Hay
una parte adolescente en mi espíritu de lector que todavía no ha muerto (y que
espero que no lo haga nunca): la fascinación por los misterios. O por aquellos
acontecimientos que, presentados de forma sagaz (o marrullera: no lo
discutiré), se aureolan con el nimbo del misterio. Me refiero a las
interpretaciones esotéricas sobre el mundo de las pirámides, a la búsqueda del
Santo Grial, a las escrituras antiguas que aún no han sido descifradas, a los
ooparts, a las vírgenes negras, al Arca de la Alianza o a la misteriosa
geometría de las catedrales cristianas. ¿Creo que tras estos relatos se esconde
una Verdad escondida o perdida? Ni lo sé ni me preocupa. Soy poco dado a
perderme en trascendencias y muy poco proclive a veleidades místicas. Pero me
gusta mucho aproximarme a esas narraciones y a esas imágenes, porque no tengo
problema en reconocer que disfruto como un crío con ellas: me distraen, me
sorprenden, me embelesan, me (vuelvo a utilizar la palabra del comienzo) fascinan.
En
esta novela (o “construcción legendaria”, como el mismo autor la bautiza con
tino), que lleva por título Las puertas templarias, he disfrutado con
bastantes de los ingredientes apuntados arriba: combates de ángeles contra
demonios, fuentes de energía que permanecen ocultas, organizaciones de poder
casi ilimitado (que permanecen en la sombra), custodios de secretos milenarios…
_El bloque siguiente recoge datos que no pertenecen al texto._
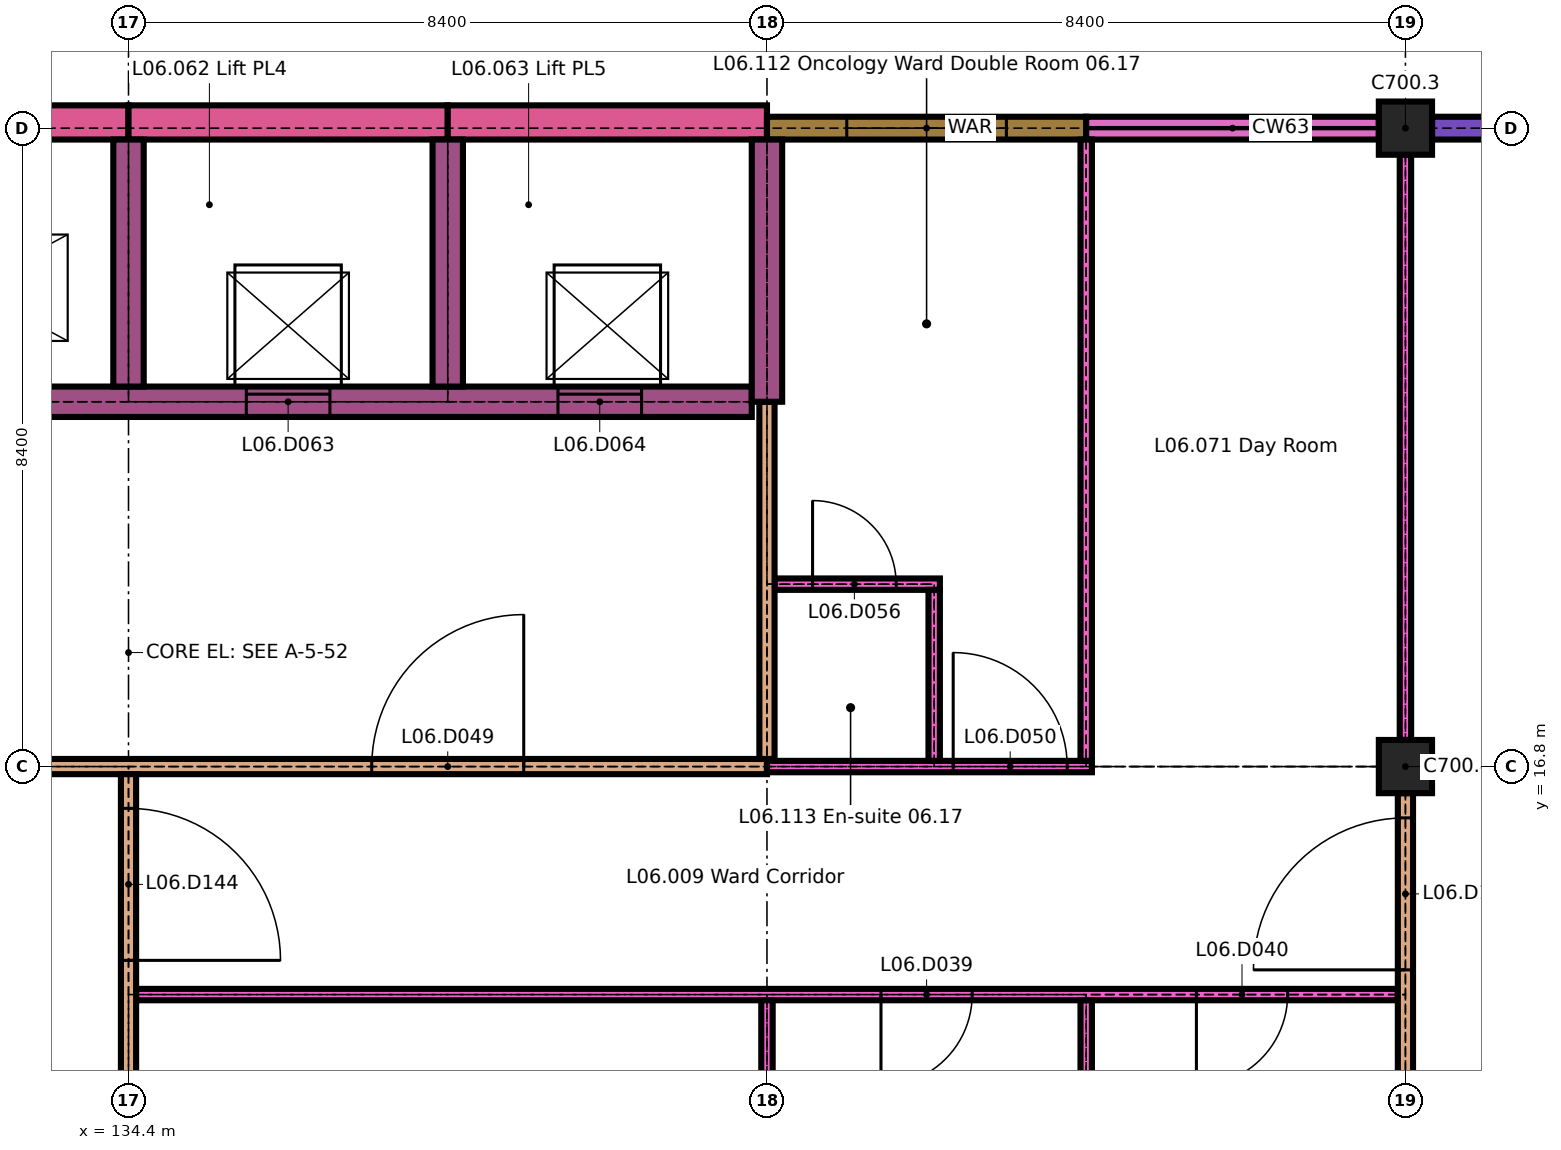
"""IFC4 building model, lengths in metres.
Left out: names, types, materials, properties, quantities, classifications, styles, units other than length and angle.
Written with IfcOpenShell. Run it as: python <this file> out.ifc"""

import sys

from ifc_helpers import new_model, si_unit, direction, frame, frame_2d, origin, origin_2d, place, context, subcontext, project, spatial, rectangle, extrude, element, fill, save


model = new_model("IFC4")
c1 = context("Model", 3, precision=1e-05, world=origin(), true_north=direction((0.0, 1.0)))
c2 = subcontext(c1, "Body", "Model", "MODEL_VIEW")
j1 = project(units=[si_unit("LENGTHUNIT", "METRE"), si_unit("PLANEANGLEUNIT", "RADIAN")], contexts=[c1])
p1 = place(None, origin())
s1 = spatial("IfcSite", under=j1, at=p1, CompositionType="ELEMENT")
p2 = place(p1, origin())
s2 = spatial("IfcBuilding", under=s1, at=p2, CompositionType="ELEMENT")
p3 = place(p2, frame((0.0, 0.0, 26.1)))
s3 = spatial("IfcBuildingStorey", under=s2, at=p3, CompositionType="ELEMENT", Elevation=26.1)
p4 = place(p3, frame((151.2, 16.8, 0.0), z_axis=(0.0, 0.0, 1.0), x_axis=(1.0, 0.0, 0.0)))
e1 = element("IfcColumn", 1, at=p4, inside=s3, PredefinedType="COLUMN", context=c2, shape_type="SweptSolid", body=[
    extrude(rectangle(XDim=0.7, YDim=0.7, at=origin_2d()), origin(), (0.0, 0.0, 1.0), 3.3),
])
p5 = place(p3, frame((151.2, 25.2, 0.0), z_axis=(0.0, 0.0, 1.0), x_axis=(1.0, 0.0, 0.0)))
e2 = element("IfcColumn", 2, at=p5, inside=s3, PredefinedType="COLUMN", context=c2, shape_type="SweptSolid", body=[
    extrude(rectangle(XDim=0.7, YDim=0.7, at=origin_2d()), origin(), (0.0, 0.0, 1.0), 3.2),
])
p6 = place(p3, frame((130.2, 25.275, 0.0), z_axis=(0.0, 0.0, 1.0), x_axis=(1.0, 0.0, 0.0)))
e3 = element("IfcWall", 3, at=p6, inside=s3, PredefinedType="SOLIDWALL", context=c2, shape_type="SweptSolid", body=[
    extrude(rectangle(XDim=4.2, YDim=0.45, at=frame_2d((2.1, 0.0))), origin(), (0.0, 0.0, 1.0), 3.3),
])
p7 = place(p3, frame((134.4, 25.275, 0.0), z_axis=(0.0, 0.0, 1.0), x_axis=(1.0, 0.0, 0.0)))
e4 = element("IfcWall", 4, at=p7, inside=s3, PredefinedType="SOLIDWALL", context=c2, shape_type="SweptSolid", body=[
    extrude(rectangle(XDim=4.2, YDim=0.45, at=frame_2d((2.1, 0.0))), origin(), (0.0, 0.0, 1.0), 3.3),
])
p8 = place(p3, frame((138.6, 25.275, 0.0), z_axis=(0.0, 0.0, 1.0), x_axis=(1.0, 0.0, 0.0)))
e5 = element("IfcWall", 5, at=p8, inside=s3, PredefinedType="SOLIDWALL", context=c2, shape_type="SweptSolid", body=[
    extrude(rectangle(XDim=4.2, YDim=0.45, at=frame_2d((2.1, 0.0))), origin(), (0.0, 0.0, 1.0), 3.3),
])
p9 = place(p3, frame((142.8, 25.2, 0.0), z_axis=(0.0, 0.0, 1.0), x_axis=(1.0, 0.0, 0.0)))
e6 = element("IfcWall", 6, at=p9, inside=s3, PredefinedType="SOLIDWALL", context=c2, shape_type="SweptSolid", body=[
    extrude(rectangle(XDim=4.2, YDim=0.3, at=frame_2d((2.1, 0.0))), origin(), (0.0, 0.0, 1.0), 2.9),
])
p10 = place(p9, frame((1.05, 0.0, 0.9)))
e7 = element("IfcOpeningElement", 7, at=p10, cuts=e6, PredefinedType="OPENING", context=c2, shape_type="SweptSolid", body=[
    extrude(rectangle(XDim=2.1, YDim=1.5, at=frame_2d((1.05, 0.75))), frame((0.0, 0.16, 0.0), z_axis=(0.0, -1.0, 0.0), x_axis=(1.0, 0.0, 0.0)), (0.0, 0.0, 1.0), 0.32),
])
p11 = place(p3, frame((147.0, 25.2, 0.0), z_axis=(0.0, 0.0, 1.0), x_axis=(1.0, 0.0, 0.0)))
e8 = element("IfcWall", 8, at=p11, inside=s3, PredefinedType="SOLIDWALL", context=c2, shape_type="SweptSolid", body=[
    extrude(rectangle(XDim=3.85, YDim=0.3, at=frame_2d((1.925, 0.0))), origin(), (0.0, 0.0, 1.0), 0.6),
])
p12 = place(p3, frame((151.55, 25.2, 0.0), z_axis=(0.0, 0.0, 1.0), x_axis=(1.0, 0.0, 0.0)))
e9 = element("IfcWall", 9, at=p12, inside=s3, PredefinedType="SOLIDWALL", context=c2, shape_type="SweptSolid", body=[
    extrude(rectangle(XDim=1.1, YDim=0.3, at=frame_2d((0.55, 0.0))), origin(), (0.0, 0.0, 1.0), 3.3),
])
p13 = place(p3, frame((134.5, 13.8, 0.0), z_axis=(0.0, 0.0, 1.0), x_axis=(1.0, 0.0, 0.0)))
e10 = element("IfcWall", 10, at=p13, inside=s3, PredefinedType="PARTITIONING", context=c2, shape_type="SweptSolid", body=[
    extrude(rectangle(XDim=16.6, YDim=0.15, at=frame_2d((8.3, 0.0))), origin(), (0.0, 0.0, 1.0), 3.3),
])
p14 = place(p13, frame((9.8, 0.0, 0.0)))
e11 = element("IfcOpeningElement", 11, at=p14, cuts=e10, PredefinedType="OPENING", context=c2, shape_type="SweptSolid", body=[
    extrude(rectangle(XDim=1.2, YDim=2.1, at=frame_2d((0.6, 1.05))), frame((0.0, 0.085, 0.0), z_axis=(0.0, -1.0, 0.0), x_axis=(1.0, 0.0, 0.0)), (0.0, 0.0, 1.0), 0.17),
])
p15 = place(p13, frame((13.95, 0.0, 0.0)))
e12 = element("IfcOpeningElement", 12, at=p15, cuts=e10, PredefinedType="OPENING", context=c2, shape_type="SweptSolid", body=[
    extrude(rectangle(XDim=1.2, YDim=2.1, at=frame_2d((0.6, 1.05))), frame((0.0, 0.085, 0.0), z_axis=(0.0, -1.0, 0.0), x_axis=(1.0, 0.0, 0.0)), (0.0, 0.0, 1.0), 0.17),
])
p16 = place(p3, frame((117.5, 16.8, 0.0), z_axis=(0.0, 0.0, 1.0), x_axis=(1.0, 0.0, 0.0)))
e13 = element("IfcWall", 13, at=p16, inside=s3, PredefinedType="PARTITIONING", context=c2, shape_type="SweptSolid", body=[
    extrude(rectangle(XDim=25.3, YDim=0.2, at=frame_2d((12.65, 0.0))), origin(), (0.0, 0.0, 1.0), 3.3),
])
p17 = place(p16, frame((3.3, 0.0, 0.0)))
e14 = element("IfcOpeningElement", 14, at=p17, cuts=e13, PredefinedType="OPENING", context=c2, shape_type="SweptSolid", body=[
    extrude(rectangle(XDim=2.0, YDim=2.4, at=frame_2d((1.0, 1.2))), frame((0.0, 0.11, 0.0), z_axis=(0.0, -1.0, 0.0), x_axis=(1.0, 0.0, 0.0)), (0.0, 0.0, 1.0), 0.22),
])
p18 = place(p16, frame((20.1, 0.0, 0.0)))
e15 = element("IfcOpeningElement", 15, at=p18, cuts=e13, PredefinedType="OPENING", context=c2, shape_type="SweptSolid", body=[
    extrude(rectangle(XDim=2.0, YDim=2.4, at=frame_2d((1.0, 1.2))), frame((0.0, 0.11, 0.0), z_axis=(0.0, -1.0, 0.0), x_axis=(1.0, 0.0, 0.0)), (0.0, 0.0, 1.0), 0.22),
])
p19 = place(p3, frame((142.8, 16.8, 0.0), z_axis=(0.0, 0.0, 1.0), x_axis=(1.0, 0.0, 0.0)))
e16 = element("IfcWall", 16, at=p19, inside=s3, PredefinedType="PARTITIONING", context=c2, shape_type="SweptSolid", body=[
    extrude(rectangle(XDim=4.275, YDim=0.15, at=frame_2d((2.137, 0.0))), origin(), (0.0, 0.0, 1.0), 3.3),
])
p20 = place(p19, frame((2.45, 0.0, 0.0)))
e17 = element("IfcOpeningElement", 17, at=p20, cuts=e16, PredefinedType="OPENING", context=c2, shape_type="SweptSolid", body=[
    extrude(rectangle(XDim=1.5, YDim=2.4, at=frame_2d((0.75, 1.2))), frame((0.0, 0.085, 0.0), z_axis=(0.0, -1.0, 0.0), x_axis=(1.0, 0.0, 0.0)), (0.0, 0.0, 1.0), 0.17),
])
p21 = place(p3, frame((142.9, 19.2, 0.0), z_axis=(0.0, 0.0, 1.0), x_axis=(1.0, 0.0, 0.0)))
e18 = element("IfcWall", 18, at=p21, inside=s3, PredefinedType="PARTITIONING", context=c2, shape_type="SweptSolid", body=[
    extrude(rectangle(XDim=2.175, YDim=0.15, at=frame_2d((1.087, 0.0))), origin(), (0.0, 0.0, 1.0), 3.3),
])
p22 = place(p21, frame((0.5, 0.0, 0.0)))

Javier Sierra, que conoce perfectamente ese mundo de anomalías y que sabe
vertebrarlas entre sí para provocar la curiosidad de los lectores, ha logrado
mantener mi interés desde el principio hasta el final. ¿Que se trata de un
puzle de piezas ensambladas con alfileres? Es posible. ¿Que la mezcla de
culturas y tiempos podría ser desmontada por los especialistas o interpretada
de una manera menos fantástica por algunos científicos? No me cabe la menor
duda. Pero, insisto, yo me he entretenido con los saltos temporales, con las
aventuras de sus protagonistas y he aceptado que, aunque lo verosímil no tiene
por qué coincidir con la realidad, el autor ha sido convincente a la hora de
organizar su espectáculo narrativo.
Dicho lo cual, mi aplauso.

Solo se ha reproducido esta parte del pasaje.